On 3/10/2012 8:03 PM, Hrvoje Niksic wrote:
Stefan Behnel<stefan...@behnel.de>  writes:

which is the standard way of extending Python with high-performance
(and/or system-specific) C code.

Well, it's *one* way.  Certainly not the easiest way, neither the most
portable and you'll have a hard time making it the fastest.

I didn't say it was easy, but standard, in the sense of documented in
Python documentation.  Python/C is as portable as Python itself, and as

Python is portable because a *lot* of work has gone and continues to go into making it so.
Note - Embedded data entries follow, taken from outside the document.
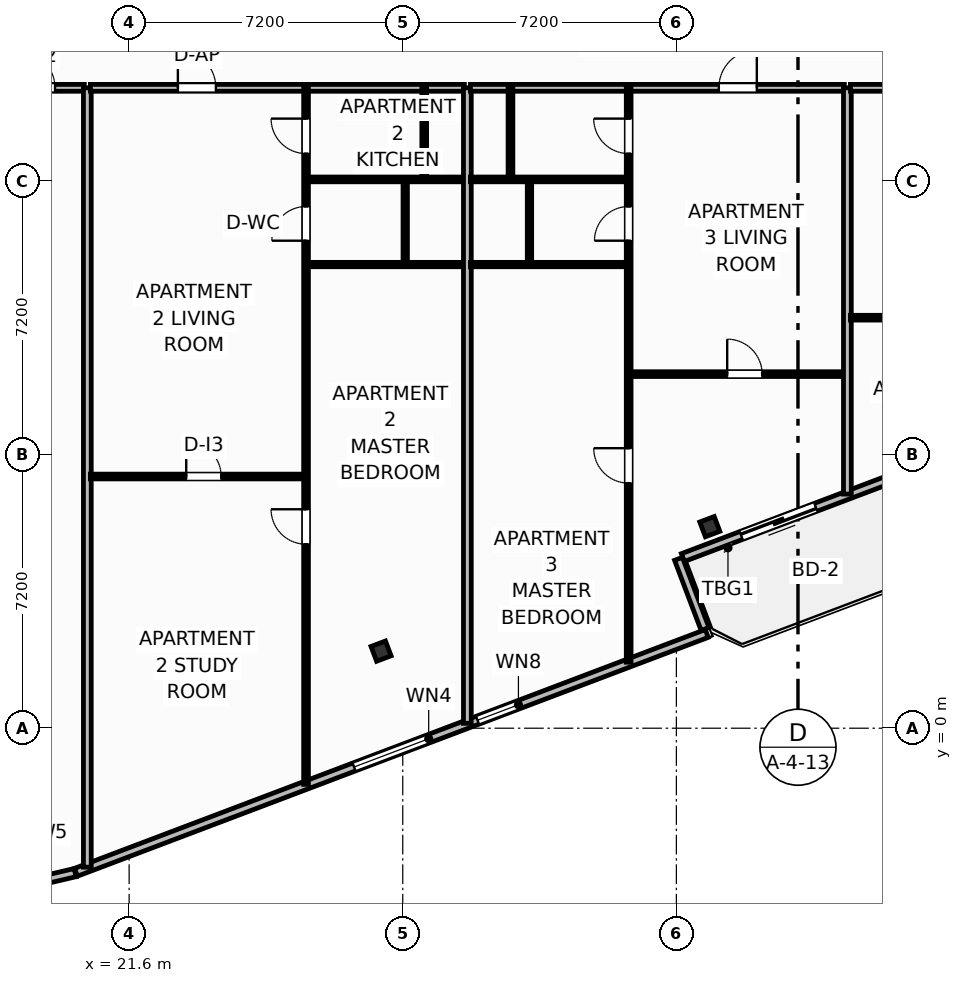
"""IFC4 building model, lengths in metres.
Left out: names, types, materials, properties, quantities, classifications, styles, units other than length and angle.
Written with IfcOpenShell. Run it as: python <this file> out.ifc"""

import sys

from ifc_helpers import new_model, si_unit, direction, frame, frame_2d, origin, origin_2d, place, context, subcontext, project, spatial, rectangle, i_section, extrude, element, fill, save


model = new_model("IFC4")
c1 = context("Model", 3, precision=1e-05, world=origin(), true_north=direction((0.0, 1.0)))
c2 = subcontext(c1, "Body", "Model", "MODEL_VIEW")
j1 = project(units=[si_unit("LENGTHUNIT", "METRE"), si_unit("PLANEANGLEUNIT", "RADIAN")], contexts=[c1])
p1 = place(None, origin())
s1 = spatial("IfcSite", under=j1, at=p1, CompositionType="ELEMENT")
p2 = place(p1, origin())
s2 = spatial("IfcBuilding", under=s1, at=p2, CompositionType="ELEMENT")
p3 = place(p2, frame((0.0, 0.0, 212.7)))
s3 = spatial("IfcBuildingStorey", under=s2, at=p3, CompositionType="ELEMENT", Elevation=212.7)
for number, where, z_axis, x_axis in (
    (1, (28.229, 2.028, 0.0), (0.0, 0.0, 1.0), (0.935, 0.354, 0.0)),
    (2, (36.88, 5.303, 0.0), (0.0, 0.0, 1.0), (0.935, 0.354, 0.0)),
):
    element("IfcColumn", number, at=place(p3, frame(where, z_axis=z_axis, x_axis=x_axis)), inside=s3, PredefinedType="COLUMN", context=c2, shape_type="SweptSolid", body=[
        extrude(i_section(OverallWidth=0.406, OverallDepth=0.416, WebThickness=0.03, FlangeThickness=0.048, FilletRadius=0.025, at=origin_2d()), origin(), (0.0, 0.0, 1.0), 3.7),
    ])
p4 = place(p3, frame((41.783, 6.614, 0.0), z_axis=(0.0, 0.0, 1.0), x_axis=(-0.93521416643, -0.354082565101, 0.0)))
e3 = element("IfcWall", 3, at=p4, inside=s3, PredefinedType="SOLIDWALL", context=c2, shape_type="SweptSolid", body=[
    extrude(rectangle(XDim=6.0, YDim=0.22, at=frame_2d((3.0, 0.0))), origin(), (0.0, 0.0, 1.0), 2.73),
])
p5 = place(p4, frame((2.26, 0.0, 0.0)))
e4 = element("IfcOpeningElement", 4, at=p5, cuts=e3, PredefinedType="OPENING", context=c2, shape_type="SweptSolid", body=[
    extrude(rectangle(XDim=2.1, YDim=2.3, at=frame_2d((1.05, 1.15))), frame((0.0, 0.12, 0.0), z_axis=(0.0, -1.0, 0.0), x_axis=(1.0, 0.0, 0.0)), (0.0, 0.0, 1.0), 0.24),
])
p6 = place(p3, frame((18.956, -4.087, 0.0), z_axis=(0.0, 0.0, 1.0), x_axis=(0.973463008152, 0.228844426981, 0.0)))
e5 = element("IfcWall", 5, at=p6, inside=s3, PredefinedType="SOLIDWALL", context=c2, shape_type="SweptSolid", body=[
    extrude(rectangle(XDim=1.257, YDim=0.22, at=frame_2d((0.628, 0.0))), origin(), (0.0, 0.0, 1.0), 2.73),
])
p7 = place(p3, frame((20.202, -3.791, 0.0), z_axis=(0.0, 0.0, 1.0), x_axis=(0.935225574232, 0.354052432984, 0.0)))
e6 = element("IfcWall", 6, at=p7, inside=s3, PredefinedType="SOLIDWALL", context=c2, shape_type="SweptSolid", body=[
    extrude(rectangle(XDim=17.747, YDim=0.22, at=frame_2d((8.874, 0.0))), origin(), (0.0, 0.0, 1.0), 2.73),
])
p8 = place(p7, frame((7.823, 0.0, 0.8)))
e7 = element("IfcOpeningElement", 7, at=p8, cuts=e6, PredefinedType="OPENING", context=c2, shape_type="SweptSolid", body=[
    extrude(rectangle(XDim=2.1, YDim=1.75, at=frame_2d((1.05, 0.875))), frame((0.0, 0.12, 0.0), z_axis=(0.0, -1.0, 0.0), x_axis=(1.0, 0.0, 0.0)), (0.0, 0.0, 1.0), 0.24),
])
p9 = place(p7, frame((11.298, 0.0, 0.8)))
e8 = element("IfcOpeningElement", 8, at=p9, cuts=e6, PredefinedType="OPENING", context=c2, shape_type="SweptSolid", body=[
    extrude(rectangle(XDim=1.15, YDim=1.4, at=frame_2d((0.575, 0.7))), frame((0.0, 0.12, 0.0), z_axis=(0.0, -1.0, 0.0), x_axis=(1.0, 0.0, 0.0)), (0.0, 0.0, 1.0), 0.24),
])
p10 = place(p3, frame((36.755, 2.61, 0.0), z_axis=(0.0, 0.0, 1.0), x_axis=(-0.354020680661, 0.935237594232, 0.0)))
e9 = element("IfcWall", 9, at=p10, inside=s3, PredefinedType="SOLIDWALL", context=c2, shape_type="SweptSolid", body=[
    extrude(rectangle(XDim=1.975, YDim=0.22, at=frame_2d((0.988, 0.0))), origin(), (0.0, 0.0, 1.0), 2.73),
])
p11 = place(p3, frame((7.196, 16.85, 0.0), z_axis=(0.0, 0.0, 1.0), x_axis=(1.0, 0.0, 0.0)))
e10 = element("IfcWall", 10, at=p11, inside=s3, PredefinedType="PARTITIONING", context=c2, shape_type="SweptSolid", body=[
    extrude(rectangle(XDim=13.224, YDim=0.18, at=frame_2d((6.612, 0.0))), origin(), (0.0, 0.0, 1.0), 3.45),
])
p12 = place(p11, frame((11.504, 0.0, 0.0)))
e11 = element("IfcOpeningElement", 11, at=p12, cuts=e10, PredefinedType="OPENING", context=c2, shape_type="SweptSolid", body=[
    extrude(rectangle(XDim=0.95, YDim=2.05, at=frame_2d((0.475, 1.025))), frame((0.0, 0.1, 0.0), z_axis=(0.0, -1.0, 0.0), x_axis=(1.0, 0.0, 0.0)), (0.0, 0.0, 1.0), 0.2),
])
p13 = place(p3, frame((20.5, -3.657, 0.0), z_axis=(0.0, 0.0, 1.0), x_axis=(0.0, 1.0, 0.0)))
e12 = element("IfcWall", 12, at=p13, inside=s3, PredefinedType="PARTITIONING", context=c2, shape_type="SweptSolid", body=[
    extrude(rectangle(XDim=20.507, YDim=0.205, at=frame_2d((10.253, 0.0))), origin(), (0.0, 0.0, 1.0), 3.45),
])
p14 = place(p3, frame((20.58, 6.623, 0.0), z_axis=(0.0, 0.0, 1.0), x_axis=(1.0, 0.0, 0.0)))
e13 = element("IfcWall", 13, at=p14, inside=s3, PredefinedType="PARTITIONING", context=c2, shape_type="SweptSolid", body=[
    extrude(rectangle(XDim=5.605, YDim=0.125, at=frame_2d((2.803, 0.0))), origin(), (0.0, 0.0, 1.0), 3.45),
])
p15 = place(p14, frame((2.522, 0.0, 0.0)))
e14 = element("IfcOpeningElement", 14, at=p15, cuts=e13, PredefinedType="OPENING", context=c2, shape_type="SweptSolid", body=[
    extrude(rectangle(XDim=0.92, YDim=2.05, at=frame_2d((0.46, 1.025))), frame((0.0, 0.073, 0.0), z_axis=(0.0, -1.0, 0.0), x_axis=(1.0, 0.0, 0.0)), (0.0, 0.0, 1.0), 0.145),
])
p16 = place(p3, frame((20.58, 16.85, 0.0), z_axis=(0.0, 0.0, 1.0), x_axis=(1.0, 0.0, 0.0)))
e15 = element("IfcWall", 15, at=p16, inside=s3, PredefinedType="PARTITIONING", context=c2, shape_type="SweptSolid", body=[
    extrude(rectangle(XDim=9.84, YDim=0.18, at=frame_2d((4.92, 0.0))), origin(), (0.0, 0.0, 1.0), 3.45),
])
p17 = place(p16, frame((2.302, 0.0, 0.0)))
e16 = element("IfcOpeningElement", 16, at=p17, cuts=e15, PredefinedType="OPENING", context=c2, shape_type="SweptSolid", body=[
    extrude(rectangle(XDim=1.0, YDim=2.2, at=frame_2d((0.5, 1.1))), frame((0.0, 0.1, 0.0), z_axis=(0.0, -1.0, 0.0), x_axis=(1.0, 0.0, 0.0)), (0.0, 0.0, 1.0), 0.2),
])
p18 = place(p3, frame((26.255, -1.478, 0.0), z_axis=(0.0, 0.0, 1.0), x_axis=(0.0, 1.0, 0.0)))
e17 = element("IfcWall", 17, at=p18, inside=s3, PredefinedType="PARTITIONING", context=c2, shape_type="SweptSolid", body=[
    extrude(rectangle(XDim=18.328, YDim=0.125, at=frame_2d((9.164, 0.0))), origin(), (0.0, 0.0, 1.0), 2.739),
])
p19 = place(p18, frame((6.319, 0.0, 0.0)))
e18 = element("IfcOpeningElement", 18, at=p19, cuts=e17, PredefinedType="OPENING", context=c2, shape_type="SweptSolid", body=[
    extrude(rectangle(XDim=0.92, YDim=2.05, at=frame_2d((0.46, 1.025))), frame((0.0, 0.073, 0.0), z_axis=(0.0, -1.0, 0.0), x_axis=(1.0, 0.0, 0.0)), (0.0, 0.0, 1.0), 0.145),
])
p20 = place(p18, frame((14.305, 0.0, 0.0)))
e19 = element("IfcOpeningElement", 19, at=p20, cuts=e17, PredefinedType="OPENING", context=c2, shape_type="SweptSolid", body=[
    extrude(rectangle(XDim=0.9, YDim=2.05, at=frame_2d((0.45, 1.025))), frame((0.0, 0.073, 0.0), z_axis=(0.0, -1.0, 0.0), x_axis=(1.0, 0.0, 0.0)), (0.0, 0.0, 1.0), 0.145),
])
p21 = place(p18, frame((16.598, 0.0, 0.0)))
e20 = element("IfcOpeningElement", 20, at=p21, cuts=e17, PredefinedType="OPENING", context=c2, shape_type="SweptSolid", body=[
    extrude(rectangle(XDim=0.92, YDim=2.05, at=frame_2d((0.46, 1.025))), frame((0.0, 0.073, 0.0), z_axis=(0.0, -1.0, 0.0), x_axis=(1.0, 0.0, 0.0)), (0.0, 0.0, 1.0), 0.145),
])
p22 = place(p3, frame((26.325, 14.44, 0.0), z_axis=(0.0, 0.0, 1.0), x_axis=(1.0, 0.0, 0.0)))
e21 = element("IfcWall", 21, at=p22, inside=s3, PredefinedType="PARTITIONING", context=c2, shape_type="SweptSolid", body=[
    extrude(rectangle(XDim=4.095, YDim=0.125, at=frame_2d((2.047, 0.0))), origin(), (0.0, 0.0, 1.0), 3.45),
])
p23 = place(p3, frame((26.325, 12.2, 0.0), z_axis=(0.0, 0.0, 1.0), x_axis=(1.0, 0.0, 0.0)))
e22 = element("IfcWall", 22, at=p23, inside=s3, PredefinedType="PARTITIONING", context=c2, shape_type="SweptSolid", body=[
    extrude(rectangle(XDim=4.095, YDim=0.115, at=frame_2d((2.047, 0.0))), origin(), (0.0, 0.0, 1.0), 3.45),
])
p24 = place(p3, frame((29.365, 14.44, 0.0), z_axis=(0.0, 0.0, 1.0), x_axis=(0.0, 1.0, 0.0)))
e23 = element("IfcWall", 23, at=p24, inside=s3, PredefinedType="PARTITIONING", context=c2, shape_type="SweptSolid", body=[
    extrude(rectangle(XDim=2.41, YDim=0.125, at=frame_2d((1.205, 0.0))), origin(), (0.0, 0.0, 1.0), 3.45),
])
p25 = place(p3, frame((28.865, 12.2, 0.0), z_axis=(0.0, 0.0, 1.0), x_axis=(0.0, 1.0, 0.0)))
e24 = element("IfcWall", 24, at=p25, inside=s3, PredefinedType="PARTITIONING", context=c2, shape_type="SweptSolid", body=[
    extrude(rectangle(XDim=2.24, YDim=0.115, at=frame_2d((1.12, 0.0))), origin(), (0.0, 0.0, 1.0), 3.45),
])
p26 = place(p3, frame((30.5, 0.129, 0.0), z_axis=(0.0, 0.0, 1.0), x_axis=(0.0, 1.0, 0.0)))
e25 = element("IfcWall", 25, at=p26, inside=s3, PredefinedType="PARTITIONING", context=c2, shape_type="SweptSolid", body=[
    extrude(rectangle(XDim=16.721, YDim=0.205, at=frame_2d((8.36, 0.0))), origin(), (0.0, 0.0, 1.0), 3.45),
])
p27 = place(p3, frame((34.815, 9.317, 0.0), z_axis=(0.0, 0.0, 1.0), x_axis=(1.0, 0.0, 0.0)))
e26 = element("IfcWall", 26, at=p27, inside=s3, PredefinedType="PARTITIONING", context=c2, shape_type="SweptSolid", body=[
    extrude(rectangle(XDim=5.605, YDim=0.125, at=frame_2d((2.803, 0.0))), origin(), (0.0, 0.0, 1.0), 3.45),
])
p28 = place(p27, frame((2.522, 0.0, 0.0)))
e27 = element("IfcOpeningElement", 27, at=p28, cuts=e26, PredefinedType="OPENING", context=c2, shape_type="SweptSolid", body=[
    extrude(rectangle(XDim=0.92, YDim=2.05, at=frame_2d((0.46, 1.025))), frame((0.0, 0.073, 0.0), z_axis=(0.0, -1.0, 0.0), x_axis=(1.0, 0.0, 0.0)), (0.0, 0.0, 1.0), 0.145),
])
p29 = place(p3, frame((30.58, 16.85, 0.0), z_axis=(0.0, 0.0, 1.0), x_axis=(1.0, 0.0, 0.0)))
e28 = element("IfcWall", 28, at=p29, inside=s3, PredefinedType="PARTITIONING", context=c2, shape_type="SweptSolid", body=[
    extrude(rectangle(XDim=9.84, YDim=0.18, at=frame_2d((4.92, 0.0))), origin(), (0.0, 0.0, 1.0), 3.45),
])
p30 = place(p29, frame((6.537, 0.0, 0.0)))
e29 = element("IfcOpeningElement", 29, at=p30, cuts=e28, PredefinedType="OPENING", context=c2, shape_type="SweptSolid", body=[
    extrude(rectangle(XDim=1.0, YDim=2.2, at=frame_2d((0.5, 1.1))), frame((0.0, 0.1, 0.0), z_axis=(0.0, -1.0, 0.0), x_axis=(1.0, 0.0, 0.0)), (0.0, 0.0, 1.0), 0.2),
])
p31 = place(p3, frame((34.745, 1.736, 0.0), z_axis=(0.0, 0.0, 1.0), x_axis=(0.0, 1.0, 0.0)))
e30 = element("IfcWall", 30, at=p31, inside=s3, PredefinedType="PARTITIONING", context=c2, shape_type="SweptSolid", body=[
    extrude(rectangle(XDim=15.114, YDim=0.125, at=frame_2d((7.557, 0.0))), origin(), (0.0, 0.0, 1.0), 2.739),
])
p32 = place(p31, frame((4.712, 0.0, 0.0)))
e31 = element("IfcOpeningElement", 31, at=p32, cuts=e30, PredefinedType="OPENING", context=c2, shape_type="SweptSolid", body=[
    extrude(rectangle(XDim=0.92, YDim=2.05, at=frame_2d((0.46, 1.025))), frame((0.0, 0.073, 0.0), z_axis=(0.0, -1.0, 0.0), x_axis=(1.0, 0.0, 0.0)), (0.0, 0.0, 1.0), 0.145),
])
p33 = place(p31, frame((11.091, 0.0, 0.0)))
e32 = element("IfcOpeningElement", 32, at=p33, cuts=e30, PredefinedType="OPENING", context=c2, shape_type="SweptSolid", body=[
    extrude(rectangle(XDim=0.9, YDim=2.05, at=frame_2d((0.45, 1.025))), frame((0.0, 0.073, 0.0), z_axis=(0.0, -1.0, 0.0), x_axis=(1.0, 0.0, 0.0)), (0.0, 0.0, 1.0), 0.145),
])
p34 = place(p31, frame((13.384, 0.0, 0.0)))
e33 = element("IfcOpeningElement", 33, at=p34, cuts=e30, PredefinedType="OPENING", context=c2, shape_type="SweptSolid", body=[
    extrude(rectangle(XDim=0.92, YDim=2.05, at=frame_2d((0.46, 1.025))), frame((0.0, 0.073, 0.0), z_axis=(0.0, -1.0, 0.0), x_axis=(1.0, 0.0, 0.0)), (0.0, 0.0, 1.0), 0.145),
])
p35 = place(p3, frame((30.58, 14.44, 0.0), z_axis=(0.0, 0.0, 1.0), x_axis=(1.0, 0.0, 0.0)))
e34 = element("IfcWall", 34, at=p35, inside=s3, PredefinedType="PARTITIONING", context=c2, shape_type="SweptSolid", body=[
    extrude(rectangle(XDim=4.095, YDim=0.125, at=frame_2d((2.047, 0.0))), origin(), (0.0, 0.0, 1.0), 3.45),
])
p36 = place(p3, frame((30.58, 12.2, 0.0), z_axis=(0.0, 0.0, 1.0), x_axis=(1.0, 0.0, 0.0)))
e35 = element("IfcWall", 35, at=p36, inside=s3, PredefinedType="PARTITIONING", context=c2, shape_type="SweptSolid", body=[
    extrude(rectangle(XDim=4.095, YDim=0.115, at=frame_2d((2.047, 0.0))), origin(), (0.0, 0.0, 1.0), 3.45),
])
p37 = place(p3, frame((31.635, 14.44, 0.0), z_axis=(0.0, 0.0, 1.0), x_axis=(0.0, 1.0, 0.0)))
e36 = element("IfcWall", 36, at=p37, inside=s3, PredefinedType="PARTITIONING", context=c2, shape_type="SweptSolid", body=[
    extrude(rectangle(XDim=2.41, YDim=0.125, at=frame_2d((1.205, 0.0))), origin(), (0.0, 0.0, 1.0), 3.45),
])
p38 = place(p3, frame((32.135, 12.2, 0.0), z_axis=(0.0, 0.0, 1.0), x_axis=(0.0, 1.0, 0.0)))
e37 = element("IfcWall", 37, at=p38, inside=s3, PredefinedType="PARTITIONING", context=c2, shape_type="SweptSolid", body=[
    extrude(rectangle(XDim=2.24, YDim=0.115, at=frame_2d((1.12, 0.0))), origin(), (0.0, 0.0, 1.0), 3.45),
])
p39 = place(p3, frame((40.5, 6.16, 0.0), z_axis=(0.0, 0.0, 1.0), x_axis=(0.0, 1.0, 0.0)))
e38 = element("IfcWall", 38, at=p39, inside=s3, PredefinedType="PARTITIONING", context=c2, shape_type="SweptSolid", body=[
    extrude(rectangle(XDim=10.69, YDim=0.205, at=frame_2d((5.345, 0.0))), origin(), (0.0, 0.0, 1.0), 3.45),
])
p40 = place(p3, frame((40.58, 10.802, 0.0), z_axis=(0.0, 0.0, 1.0), x_axis=(1.0, 0.0, 0.0)))
e39 = element("IfcWall", 39, at=p40, inside=s3, PredefinedType="PARTITIONING", context=c2, shape_type="SweptSolid", body=[
    extrude(rectangle(XDim=5.605, YDim=0.125, at=frame_2d((2.803, 0.0))), origin(), (0.0, 0.0, 1.0), 3.45),
])
p41 = place(p40, frame((2.522, 0.0, 0.0)))
e40 = element("IfcOpeningElement", 40, at=p41, cuts=e39, PredefinedType="OPENING", context=c2, shape_type="SweptSolid", body=[
    extrude(rectangle(XDim=0.92, YDim=2.05, at=frame_2d((0.46, 1.025))), frame((0.0, 0.073, 0.0), z_axis=(0.0, -1.0, 0.0), x_axis=(1.0, 0.0, 0.0)), (0.0, 0.0, 1.0), 0.145),
])
p42 = place(p3, frame((40.58, 16.85, 0.0), z_axis=(0.0, 0.0, 1.0), x_axis=(1.0, 0.0, 0.0)))
e41 = element("IfcWall", 41, at=p42, inside=s3, PredefinedType="PARTITIONING", context=c2, shape_type="SweptSolid", body=[
    extrude(rectangle(XDim=9.84, YDim=0.18, at=frame_2d((4.92, 0.0))), origin(), (0.0, 0.0, 1.0), 3.45),
])
p43 = place(p42, frame((2.302, 0.0, 0.0)))
e42 = element("IfcOpeningElement", 42, at=p43, cuts=e41, PredefinedType="OPENING", context=c2, shape_type="SweptSolid", body=[
    extrude(rectangle(XDim=1.0, YDim=2.2, at=frame_2d((0.5, 1.1))), frame((0.0, 0.1, 0.0), z_axis=(0.0, -1.0, 0.0), x_axis=(1.0, 0.0, 0.0)), (0.0, 0.0, 1.0), 0.2),
])
p44 = place(p5, origin())
e43 = element("IfcDoor", 43, at=p44, inside=s3, OperationType="SLIDING_TO_LEFT", PredefinedType="DOOR", context=c2, shape_type="SweptSolid", body=[
    extrude(rectangle(XDim=2.1, YDim=2.3, at=frame_2d((1.05, 1.15))), frame((0.0, 0.025, 0.0), z_axis=(0.0, -1.0, 0.0), x_axis=(1.0, 0.0, 0.0)), (0.0, 0.0, 1.0), 0.05),
])
fill(e4, e43)
p45 = place(p8, origin())
e44 = element("IfcWindow", 44, at=p45, inside=s3, PartitioningType="SINGLE_PANEL", PredefinedType="WINDOW", context=c2, shape_type="SweptSolid", body=[
    extrude(rectangle(XDim=2.1, YDim=1.75, at=frame_2d((1.05, 0.875))), frame((0.0, 0.03, 0.0), z_axis=(0.0, -1.0, 0.0), x_axis=(1.0, 0.0, 0.0)), (0.0, 0.0, 1.0), 0.06),
])
fill(e7, e44)
p46 = place(p12, origin())
e45 = element("IfcDoor", 45, at=p46, inside=s3, OperationType="SINGLE_SWING_LEFT", PredefinedType="DOOR", context=c2, shape_type="SweptSolid", body=[
    extrude(rectangle(XDim=0.95, YDim=2.05, at=frame_2d((0.475, 1.025))), frame((0.0, 0.025, 0.0), z_axis=(0.0, -1.0, 0.0), x_axis=(1.0, 0.0, 0.0)), (0.0, 0.0, 1.0), 0.05),
])
fill(e11, e45)
p47 = place(p15, origin())
e46 = element("IfcDoor", 46, at=p47, inside=s3, OperationType="SINGLE_SWING_LEFT", PredefinedType="DOOR", context=c2, shape_type="SweptSolid", body=[
    extrude(rectangle(XDim=0.92, YDim=2.05, at=frame_2d((0.46, 1.025))), frame((0.0, 0.025, 0.0), z_axis=(0.0, -1.0, 0.0), x_axis=(1.0, 0.0, 0.0)), (0.0, 0.0, 1.0), 0.05),
])
fill(e14, e46)
p48 = place(p17, origin())
e47 = element("IfcDoor", 47, at=p48, inside=s3, OperationType="SINGLE_SWING_LEFT", PredefinedType="DOOR", context=c2, shape_type="SweptSolid", body=[
    extrude(rectangle(XDim=1.0, YDim=2.2, at=frame_2d((0.5, 1.1))), frame((0.0, 0.025, 0.0), z_axis=(0.0, -1.0, 0.0), x_axis=(1.0, 0.0, 0.0)), (0.0, 0.0, 1.0), 0.05),
])
fill(e16, e47)
p49 = place(p19, origin())
e48 = element("IfcDoor", 48, at=p49, inside=s3, OperationType="SINGLE_SWING_RIGHT", PredefinedType="DOOR", context=c2, shape_type="SweptSolid", body=[
    extrude(rectangle(XDim=0.92, YDim=2.05, at=frame_2d((0.46, 1.025))), frame((0.0, 0.025, 0.0), z_axis=(0.0, -1.0, 0.0), x_axis=(1.0, 0.0, 0.0)), (0.0, 0.0, 1.0), 0.05),
])
fill(e18, e48)
p50 = place(p20, origin())
e49 = element("IfcDoor", 49, at=p50, inside=s3, OperationType="SINGLE_SWING_LEFT", PredefinedType="DOOR", context=c2, shape_type="SweptSolid", body=[
    extrude(rectangle(XDim=0.9, YDim=2.05, at=frame_2d((0.45, 1.025))), frame((0.0, 0.025, 0.0), z_axis=(0.0, -1.0, 0.0), x_axis=(1.0, 0.0, 0.0)), (0.0, 0.0, 1.0), 0.05),
])
fill(e19, e49)
p51 = place(p21, origin())
e50 = element("IfcDoor", 50, at=p51, inside=s3, OperationType="SINGLE_SWING_RIGHT", PredefinedType="DOOR", context=c2, shape_type="SweptSolid", body=[
    extrude(rectangle(XDim=0.92, YDim=2.05, at=frame_2d((0.46, 1.025))), frame((0.0, 0.025, 0.0), z_axis=(0.0, -1.0, 0.0), x_axis=(1.0, 0.0, 0.0)), (0.0, 0.0, 1.0), 0.05),
])
fill(e20, e50)
p52 = place(p28, origin())
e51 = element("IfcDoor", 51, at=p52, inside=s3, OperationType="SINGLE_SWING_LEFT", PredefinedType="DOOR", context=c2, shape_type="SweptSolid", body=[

And because it sticks with the lowest common denominator of C89. There is much system or compiler specific code in #ifdefs. There are over 60 buildbots for testing patches on various hardware-os-compiler-(python)version combinations. Perhaps once a week something does not work on one of them. The patch gets revised. It happened just today.

Apple is changing compilers for the Mac; Python initially did not build with the new compiler. Some people had to do some work so there would continue to be Python on the Mac. So I can imagine that Cython *might* shield one from some of the very real portability problems.

fast as the platform allows.  I understand your desire to promote
Cython, but please stop resorting to FUD in doing so.

You admitted it might be easier. Portability is plausible. So I think that a bit harsh.